Understanding The Cause(s) Of The Last Mass Extinction At The Cretaceou-Paleogene Boundary

Diverse viewpoints as to the cause(s) of the extinction exist among active researchers even on the Berkeley campus. A weekly seminar is devoted to both reviewing existing evidence as well as discussing fresh new research results from the participants. The participants will formulate areas of consensus as well as areas of disagreement, and propose specific research foci needed to clarify unresolved components of a general theory of the extinction cause(s) and mechanism(s). The weekly meetings are largely but not exclusively composed of faculty, staff and students in the departments of Earth and Planetary Science, and Integrative Biology. Late in the Spring 2017 semester, a two-day conference open to the public will center on lectures by six internationally renowned experts from the U.S. and abroad, and four of the local participants, with round table discussions on each day following the lectures.

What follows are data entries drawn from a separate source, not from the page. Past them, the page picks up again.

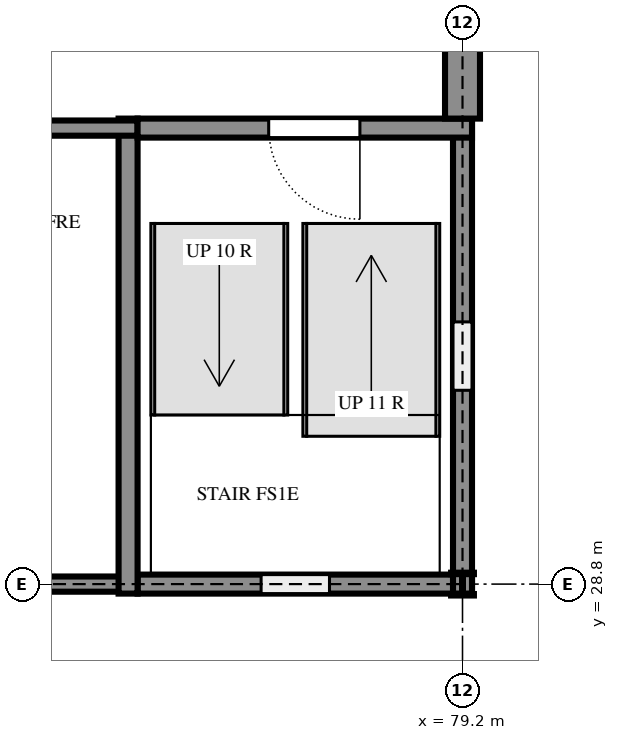
"""IFC4 building model, lengths in metres.
Left out: names, types, materials, properties, quantities, classifications, styles, units other than length and angle.
Written with IfcOpenShell. Run it as: python <this file> out.ifc"""

import sys

from ifc_helpers import new_model, si_unit, direction, frame, frame_2d, origin, origin_2d, place, context, subcontext, project, spatial, rectangle, i_section, extrude, element, fill, save


model = new_model("IFC4")
c1 = context("Model", 3, precision=1e-05, world=origin(), true_north=direction((0.0, 1.0)))
c2 = subcontext(c1, "Body", "Model", "MODEL_VIEW")
j1 = project(units=[si_unit("LENGTHUNIT", "METRE"), si_unit("PLANEANGLEUNIT", "RADIAN")], contexts=[c1])
p1 = place(None, origin())
s1 = spatial("IfcSite", under=j1, at=p1, CompositionType="ELEMENT")
p2 = place(p1, origin())
s2 = spatial("IfcBuilding", under=s1, at=p2, CompositionType="ELEMENT")
p3 = place(p2, frame((0.0, 0.0, 3.6)))
s3 = spatial("IfcBuildingStorey", under=s2, at=p3, CompositionType="ELEMENT", Elevation=3.6)
p4 = place(p3, frame((79.2, 28.8, 0.0), z_axis=(0.0, 0.0, 1.0), x_axis=(1.0, 0.0, 0.0)))
e1 = element("IfcColumn", 1, at=p4, inside=s3, PredefinedType="COLUMN", context=c2, shape_type="SweptSolid", body=[
    extrude(i_section(OverallWidth=0.3, OverallDepth=0.3, WebThickness=0.011, FlangeThickness=0.019, FilletRadius=0.027, at=origin_2d()), origin(), (0.0, 0.0, 1.0), 3.6),
])
p5 = place(p3, frame((71.9, 28.8, 0.0), z_axis=(0.0, 0.0, 1.0), x_axis=(1.0, 0.0, 0.0)))
e2 = element("IfcWall", 2, at=p5, inside=s3, PredefinedType="SHEAR", context=c2, shape_type="SweptSolid", body=[
    extrude(rectangle(XDim=3.025, YDim=0.2, at=frame_2d((1.513, 0.0))), origin(), (0.0, 0.0, 1.0), 3.6),
])
p6 = place(p3, frame((74.925, 28.8, 0.0), z_axis=(0.0, 0.0, 1.0), x_axis=(1.0, 0.0, 0.0)))
e3 = element("IfcWall", 3, at=p6, inside=s3, PredefinedType="SHEAR", context=c2, shape_type="SweptSolid", body=[
    extrude(rectangle(XDim=4.4, YDim=0.25, at=frame_2d((2.2, 0.0))), origin(), (0.0, 0.0, 1.0), 3.6),
])
p7 = place(p6, frame((1.625, 0.0, 0.6)))
e4 = element("IfcOpeningElement", 4, at=p7, cuts=e3, PredefinedType="OPENING", context=c2, shape_type="SweptSolid", body=[
    extrude(rectangle(XDim=0.9, YDim=2.1, at=frame_2d((0.45, 1.05))), frame((0.0, 0.135, 0.0), z_axis=(0.0, -1.0, 0.0), x_axis=(1.0, 0.0, 0.0)), (0.0, 0.0, 1.0), 0.27),
])
p8 = place(p3, frame((79.2, 28.675, 0.0), z_axis=(0.0, 0.0, 1.0), x_axis=(0.0, 1.0, 0.0)))
e5 = element("IfcWall", 5, at=p8, inside=s3, PredefinedType="SHEAR", context=c2, shape_type="SweptSolid", body=[
    extrude(rectangle(XDim=6.25, YDim=0.25, at=frame_2d((3.125, 0.0))), origin(), (0.0, 0.0, 1.0), 3.6),
])
p9 = place(p8, frame((2.675, 0.0, 0.6)))
e6 = element("IfcOpeningElement", 6, at=p9, cuts=e5, PredefinedType="OPENING", context=c2, shape_type="SweptSolid", body=[
    extrude(rectangle(XDim=0.9, YDim=2.1, at=frame_2d((0.45, 1.05))), frame((0.0, 0.135, 0.0), z_axis=(0.0, -1.0, 0.0), x_axis=(1.0, 0.0, 0.0)), (0.0, 0.0, 1.0), 0.27),
])
p10 = place(p3, frame((74.8, 34.925, 0.0), z_axis=(0.0, 0.0, 1.0), x_axis=(0.0, -1.0, 0.0)))
e7 = element("IfcWall", 7, at=p10, inside=s3, PredefinedType="SHEAR", context=c2, shape_type="SweptSolid", body=[
    extrude(rectangle(XDim=6.25, YDim=0.25, at=frame_2d((3.125, 0.0))), origin(), (0.0, 0.0, 1.0), 3.6),
])
p11 = place(p3, frame((74.925, 34.8, 0.0), z_axis=(0.0, 0.0, 1.0), x_axis=(-1.0, 0.0, 0.0)))
e8 = element("IfcWall", 8, at=p11, inside=s3, PredefinedType="SHEAR", context=c2, shape_type="SweptSolid", body=[
    extrude(rectangle(XDim=3.025, YDim=0.2, at=frame_2d((1.513, 0.0))), origin(), (0.0, 0.0, 1.0), 3.6),
])
p12 = place(p3, frame((79.325, 34.8, 0.0), z_axis=(0.0, 0.0, 1.0), x_axis=(-1.0, 0.0, 0.0)))
e9 = element("IfcWall", 9, at=p12, inside=s3, PredefinedType="SHEAR", context=c2, shape_type="SweptSolid", body=[
    extrude(rectangle(XDim=4.4, YDim=0.25, at=frame_2d((2.2, 0.0))), origin(), (0.0, 0.0, 1.0), 3.6),
])
p13 = place(p12, frame((1.475, 0.0, 0.0)))
e10 = element("IfcOpeningElement", 10, at=p13, cuts=e9, PredefinedType="OPENING", context=c2, shape_type="SweptSolid", body=[
    extrude(rectangle(XDim=1.2, YDim=2.4, at=frame_2d((0.6, 1.2))), frame((0.0, 0.135, 0.0), z_axis=(0.0, -1.0, 0.0), x_axis=(1.0, 0.0, 0.0)), (0.0, 0.0, 1.0), 0.27),
])
p14 = place(p3, frame((79.2, 34.925, 0.0), z_axis=(0.0, 0.0, 1.0), x_axis=(0.0, 1.0, 0.0)))
e11 = element("IfcWall", 11, at=p14, inside=s3, PredefinedType="SOLIDWALL", context=c2, shape_type="SweptSolid", body=[
    extrude(rectangle(XDim=1.225, YDim=0.46, at=frame_2d((0.612, 0.0))), origin(), (0.0, 0.0, 1.0), 3.22),
])
p15 = place(p9, origin())
e12 = element("IfcWindow", 12, at=p15, inside=s3, PartitioningType="SINGLE_PANEL", PredefinedType="WINDOW", context=c2, shape_type="SweptSolid", body=[
    extrude(rectangle(XDim=0.9, YDim=2.1, at=frame_2d((0.45, 1.05))), frame((0.0, 0.03, 0.0), z_axis=(0.0, -1.0, 0.0), x_axis=(1.0, 0.0, 0.0)), (0.0, 0.0, 1.0), 0.06),
])
fill(e6, e12)
p16 = place(p7, origin())
e13 = element("IfcWindow", 13, at=p16, inside=s3, PartitioningType="SINGLE_PANEL", PredefinedType="WINDOW", context=c2, shape_type="SweptSolid", body=[
    extrude(rectangle(XDim=0.9, YDim=2.1, at=frame_2d((0.45, 1.05))), frame((0.0, 0.03, 0.0), z_axis=(0.0, -1.0, 0.0), x_axis=(1.0, 0.0, 0.0)), (0.0, 0.0, 1.0), 0.06),
])
fill(e4, e13)
p17 = place(p13, origin())
e14 = element("IfcDoor", 14, at=p17, inside=s3, OperationType="SINGLE_SWING_RIGHT", PredefinedType="DOOR", context=c2, shape_type="SweptSolid", body=[
    extrude(rectangle(XDim=1.2, YDim=2.4, at=frame_2d((0.6, 1.2))), frame((0.0, 0.025, 0.0), z_axis=(0.0, -1.0, 0.0), x_axis=(1.0, 0.0, 0.0)), (0.0, 0.0, 1.0), 0.05),
])
fill(e10, e14)
save(model, sys.argv[1])

Organized by Paul Renne (Earth and Planetary Science), Mark Richards (Earth and Planetary Science), Charles Marshall (Integrative Biology), Seth Finnegan (Integrative Biology), and William Clemens (Integrative Biology), this project aims to chart a course to resolving the decades-old conundrum of why the dinosaurs and myriad other fauna and flora met extinction sixty-six million years ago. This extinction is marked by a dramatic difference in fossil life found in strata above and below a sharp boundary marked by an arrow in the photo from the Hell Creek region of northeastern Montana. In this area, two of the most iconic dinosaurs, Tyrannosaurus rex and Triceratops, disappear from the strata above this boundary.